Why Are We Tiptoeing?

Here’s an all too common setting that has really seemed to baffle me very recently. Now, I know we are not really meant to talk about our personal lives on LinkedIn. However, I know what I am about to discuss is relatable with all aspects of your personal, professional and spiritual life.

Like many young people, I enjoy letting my hair down most Friday nights. Some people go to nightclubs, others watch TV and some go to the opera.

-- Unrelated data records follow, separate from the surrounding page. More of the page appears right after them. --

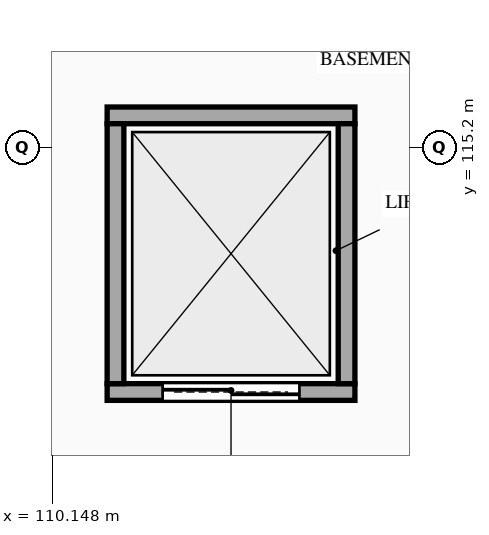
"""IFC4 building model, lengths in metres.
Left out: names, types, materials, properties, quantities, classifications, styles, units other than length and angle.
Written with IfcOpenShell. Run it as: python <this file> out.ifc"""

import sys

from ifc_helpers import new_model, si_unit, direction, frame, frame_2d, origin, place, context, subcontext, project, spatial, rectangle, extrude, element, fill, save


model = new_model("IFC4")
c1 = context("Model", 3, precision=1e-05, world=origin(), true_north=direction((0.0, 1.0)))
c2 = subcontext(c1, "Body", "Model", "MODEL_VIEW")
j1 = project(units=[si_unit("LENGTHUNIT", "METRE"), si_unit("PLANEANGLEUNIT", "RADIAN")], contexts=[c1])
p1 = place(None, origin())
s1 = spatial("IfcSite", under=j1, at=p1, CompositionType="ELEMENT")
p2 = place(p1, origin())
s2 = spatial("IfcBuilding", under=s1, at=p2, CompositionType="ELEMENT")
p3 = place(p2, frame((0.0, 0.0, -5.4)))
s3 = spatial("IfcBuildingStorey", under=s2, at=p3, CompositionType="ELEMENT", Elevation=-5.4)
p4 = place(p3, frame((110.87, 111.98, 0.0), z_axis=(0.0, 0.0, 1.0), x_axis=(1.0, 0.0, 0.0)))
e1 = element("IfcWall", 1, at=p4, inside=s3, PredefinedType="STANDARD", context=c2, shape_type="SweptSolid", body=[
    extrude(rectangle(XDim=3.26, YDim=0.22, at=frame_2d((1.63, 0.0))), origin(), (0.0, 0.0, 1.0), 4.95),
])
p5 = place(p4, frame((0.73, 0.0, 0.0)))
e2 = element("IfcOpeningElement", 2, at=p5, cuts=e1, PredefinedType="OPENING", context=c2, shape_type="SweptSolid", body=[
    extrude(rectangle(XDim=1.8, YDim=2.35, at=frame_2d((0.9, 1.175))), frame((0.0, 0.12, 0.0), z_axis=(0.0, -1.0, 0.0), x_axis=(1.0, 0.0, 0.0)), (0.0, 0.0, 1.0), 0.24),
])
p6 = place(p3, frame((114.13, 115.62, 0.0), z_axis=(0.0, 0.0, 1.0), x_axis=(-1.0, 0.0, 0.0)))
e3 = element("IfcWall", 3, at=p6, inside=s3, PredefinedType="STANDARD", context=c2, shape_type="SweptSolid", body=[
    extrude(rectangle(XDim=3.26, YDim=0.22, at=frame_2d((1.63, 0.0))), origin(), (0.0, 0.0, 1.0), 4.95),
])
for number, where, z_axis, x_axis in (
    (4, (110.98, 115.51, 0.0), (0.0, 0.0, 1.0), (0.0, -1.0, 0.0)),
    (5, (114.02, 112.09, 0.0), (0.0, 0.0, 1.0), (0.0, 1.0, 0.0)),
):
    element("IfcWall", number, at=place(p3, frame(where, z_axis=z_axis, x_axis=x_axis)), inside=s3, PredefinedType="STANDARD", context=c2, shape_type="SweptSolid", body=[
        extrude(rectangle(XDim=3.42, YDim=0.22, at=frame_2d((1.71, 0.0))), origin(), (0.0, 0.0, 1.0), 4.95),
    ])
p7 = place(p5, origin())
e6 = element("IfcDoor", 6, at=p7, inside=s3, OperationType="DOUBLE_DOOR_SLIDING", PredefinedType="DOOR", context=c2, shape_type="SweptSolid", body=[
    extrude(rectangle(XDim=1.8, YDim=2.35, at=frame_2d((0.9, 1.175))), frame((0.0, 0.025, 0.0), z_axis=(0.0, -1.0, 0.0), x_axis=(1.0, 0.0, 0.0)), (0.0, 0.0, 1.0), 0.05),
])
fill(e2, e6)
save(model, sys.argv[1])
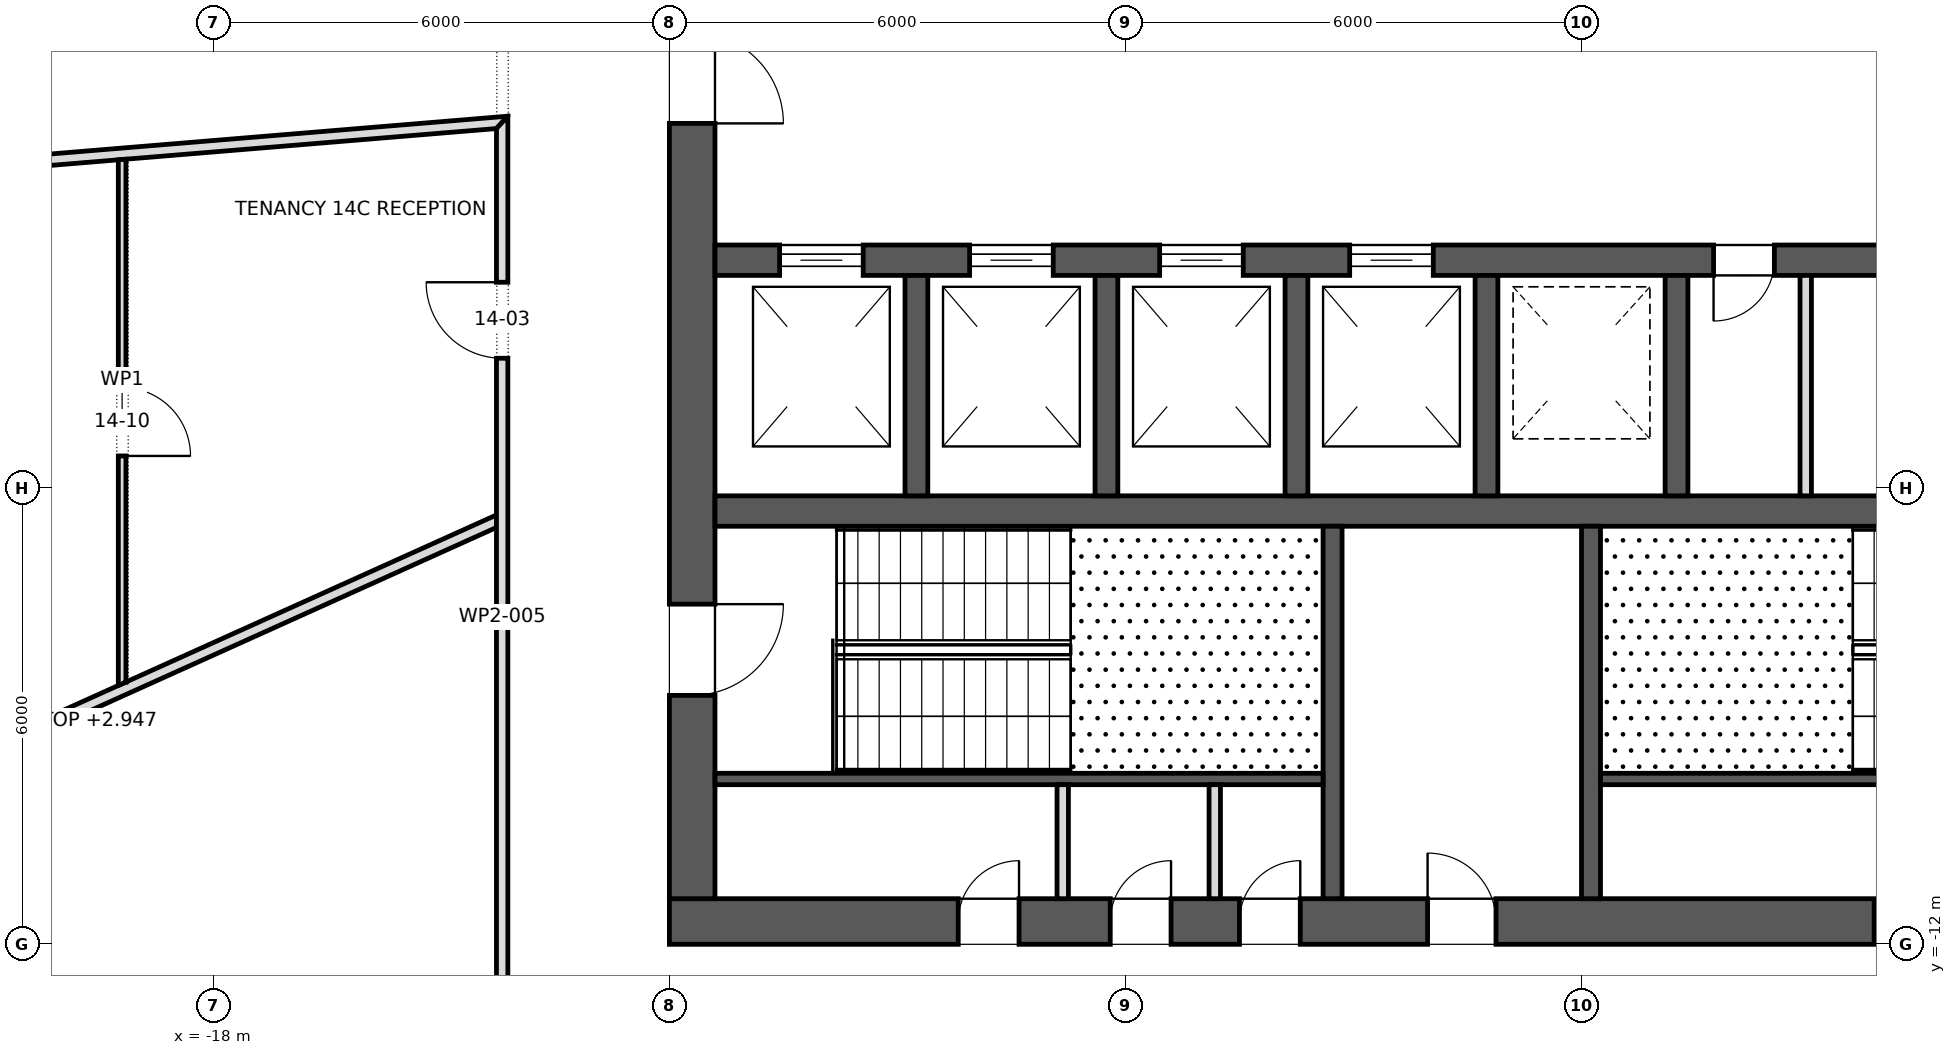
"""IFC4 building model, lengths in metres.
Left out: names, types, materials, properties, quantities, classifications, styles, units other than length and angle.
Written with IfcOpenShell. Run it as: python <this file> out.ifc"""

import sys

from ifc_helpers import new_model, si_unit, direction, frame, frame_2d, origin, place, context, subcontext, project, spatial, polyline, rectangle, outline, extrude, element, fill, save


model = new_model("IFC4")
c1 = context("Model", 3, precision=1e-05, world=origin(), true_north=direction((0.0, 1.0)))
c2 = subcontext(c1, "Body", "Model", "MODEL_VIEW")
j1 = project(units=[si_unit("LENGTHUNIT", "METRE"), si_unit("PLANEANGLEUNIT", "RADIAN")], contexts=[c1])
p1 = place(None, origin())
s1 = spatial("IfcSite", under=j1, at=p1, CompositionType="ELEMENT")
p2 = place(p1, origin())
s2 = spatial("IfcBuilding", under=s1, at=p2, CompositionType="ELEMENT")
p3 = place(p2, frame((0.0, 0.0, 202.9)))
s3 = spatial("IfcBuildingStorey", under=s2, at=p3, CompositionType="ELEMENT", Elevation=202.9)
p4 = place(p3, frame((-12.0, -11.7, 0.0), z_axis=(0.0, 0.0, 1.0), x_axis=(1.0, 0.0, 0.0)))
e1 = element("IfcWall", 1, at=p4, inside=s3, PredefinedType="SHEAR", context=c2, shape_type="SweptSolid", body=[
    extrude(rectangle(XDim=24.0, YDim=0.6, at=frame_2d((12.0, 0.0))), origin(), (0.0, 0.0, 1.0), 4.0),
])
p5 = place(p4, frame((9.975, 0.0, 0.0)))
e2 = element("IfcOpeningElement", 2, at=p5, cuts=e1, PredefinedType="OPENING", context=c2, shape_type="SweptSolid", body=[
    extrude(rectangle(XDim=0.9, YDim=2.1, at=frame_2d((0.45, 1.05))), frame((0.0, 0.312, 0.0), z_axis=(0.0, -1.0, 0.0), x_axis=(1.0, 0.0, 0.0)), (0.0, 0.0, 1.0), 0.624),
])
p6 = place(p4, frame((3.8, 0.0, 0.0)))
e3 = element("IfcOpeningElement", 3, at=p6, cuts=e1, PredefinedType="OPENING", context=c2, shape_type="SweptSolid", body=[
    extrude(rectangle(XDim=0.8, YDim=2.1, at=frame_2d((0.4, 1.05))), frame((0.0, 0.312, 0.0), z_axis=(0.0, -1.0, 0.0), x_axis=(1.0, 0.0, 0.0)), (0.0, 0.0, 1.0), 0.624),
])
p7 = place(p4, frame((5.8, 0.0, 0.0)))
e4 = element("IfcOpeningElement", 4, at=p7, cuts=e1, PredefinedType="OPENING", context=c2, shape_type="SweptSolid", body=[
    extrude(rectangle(XDim=0.8, YDim=2.1, at=frame_2d((0.4, 1.05))), frame((0.0, 0.312, 0.0), z_axis=(0.0, -1.0, 0.0), x_axis=(1.0, 0.0, 0.0)), (0.0, 0.0, 1.0), 0.624),
])
p8 = place(p4, frame((7.5, 0.0, 0.0)))
e5 = element("IfcOpeningElement", 5, at=p8, cuts=e1, PredefinedType="OPENING", context=c2, shape_type="SweptSolid", body=[
    extrude(rectangle(XDim=0.8, YDim=2.1, at=frame_2d((0.4, 1.05))), frame((0.0, 0.312, 0.0), z_axis=(0.0, -1.0, 0.0), x_axis=(1.0, 0.0, 0.0)), (0.0, 0.0, 1.0), 0.624),
])
p9 = place(p4, frame((15.85, 0.0, 0.0)))
e6 = element("IfcOpeningElement", 6, at=p9, cuts=e1, PredefinedType="OPENING", context=c2, shape_type="SweptSolid", body=[
    extrude(rectangle(XDim=0.8, YDim=2.1, at=frame_2d((0.4, 1.05))), frame((0.0, 0.312, 0.0), z_axis=(0.0, -1.0, 0.0), x_axis=(1.0, 0.0, 0.0)), (0.0, 0.0, 1.0), 0.624),
])
p10 = place(p3, frame((-11.7, -11.4, 0.0), z_axis=(0.0, 0.0, 1.0), x_axis=(0.0, 1.0, 0.0)))
e7 = element("IfcWall", 7, at=p10, inside=s3, PredefinedType="SHEAR", context=c2, shape_type="SweptSolid", body=[
    extrude(rectangle(XDim=22.8, YDim=0.6, at=frame_2d((11.4, 0.0))), origin(), (0.0, 0.0, 1.0), 4.0),
])
p11 = place(p10, frame((10.2, 0.0, 0.0)))
e8 = element("IfcOpeningElement", 8, at=p11, cuts=e7, PredefinedType="OPENING", context=c2, shape_type="SweptSolid", body=[
    extrude(rectangle(XDim=2.4, YDim=2.1, at=frame_2d((1.2, 1.05))), frame((0.0, 0.312, 0.0), z_axis=(0.0, -1.0, 0.0), x_axis=(1.0, 0.0, 0.0)), (0.0, 0.0, 1.0), 0.624),
])
p12 = place(p10, frame((18.925, 0.0, 0.0)))
e9 = element("IfcOpeningElement", 9, at=p12, cuts=e7, PredefinedType="OPENING", context=c2, shape_type="SweptSolid", body=[
    extrude(rectangle(XDim=1.2, YDim=2.1, at=frame_2d((0.6, 1.05))), frame((0.0, 0.312, 0.0), z_axis=(0.0, -1.0, 0.0), x_axis=(1.0, 0.0, 0.0)), (0.0, 0.0, 1.0), 0.624),
])
p13 = place(p10, frame((2.675, 0.0, 0.0)))
e10 = element("IfcOpeningElement", 10, at=p13, cuts=e7, PredefinedType="OPENING", context=c2, shape_type="SweptSolid", body=[
    extrude(rectangle(XDim=1.2, YDim=2.1, at=frame_2d((0.6, 1.05))), frame((0.0, 0.312, 0.0), z_axis=(0.0, -1.0, 0.0), x_axis=(1.0, 0.0, 0.0)), (0.0, 0.0, 1.0), 0.624),
])
p14 = place(p3, frame((-11.4, -3.0, 0.0), z_axis=(0.0, 0.0, 1.0), x_axis=(1.0, 0.0, 0.0)))
e11 = element("IfcWall", 11, at=p14, inside=s3, PredefinedType="SHEAR", context=c2, shape_type="SweptSolid", body=[
    extrude(rectangle(XDim=22.8, YDim=0.4, at=frame_2d((11.4, 0.0))), origin(), (0.0, 0.0, 1.0), 4.0),
])
p15 = place(p14, frame((0.85, 0.0, 0.0)))
e12 = element("IfcOpeningElement", 12, at=p15, cuts=e11, PredefinedType="OPENING", context=c2, shape_type="SweptSolid", body=[
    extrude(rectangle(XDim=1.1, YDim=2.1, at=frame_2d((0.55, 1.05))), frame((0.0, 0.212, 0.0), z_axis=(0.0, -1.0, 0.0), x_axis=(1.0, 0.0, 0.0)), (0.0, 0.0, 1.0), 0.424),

I particularly like to go to my favourite bar on the Sunshine Coast in Maroochydore, where we are blessed with the presence of some of the finest blues and jazz musicians Queensland has to offer. This is where the story starts…

I decided to meet an associate at the bar at approximately 8:30 PM to catch up over the weeks events. A lot had happened that week and we were looking forward to sharing all the thrilling stories that had been created that week (entrepreneurship is full of them). When I saw him at the bar, I shouted, screamed and smiled to see the friend. We embraced, hi-fived and shared drink after drink and had a brilliant time. However, many different stories were panning out that evening in our surrounding environment…

There was a group of six beautiful women with glowing skin, athletic figures and brilliant smiles all wearing wonderful black dresses. I wondered, with such elegance and presence, how any of these women couldn’t have whatever they wanted? With looks like theirs and many eligible bachelors in the vicinity, that sole feeling of being desired had to be satisfied. However, upon closer inspection, I couldn’t be further from the truth.

These beautiful women were sat at a table. Slouched. Motionless. Disappointed. In fact, my associate and I even considered this to be a chore for the entire group. We then started trying to create hypothetical scenarios for how it all went down. Did one person want to come here for a quiet drink? What happened in the dominant member’s day? From the looks of things, they just didn’t want to be there. This thought, in fact, got me wondering.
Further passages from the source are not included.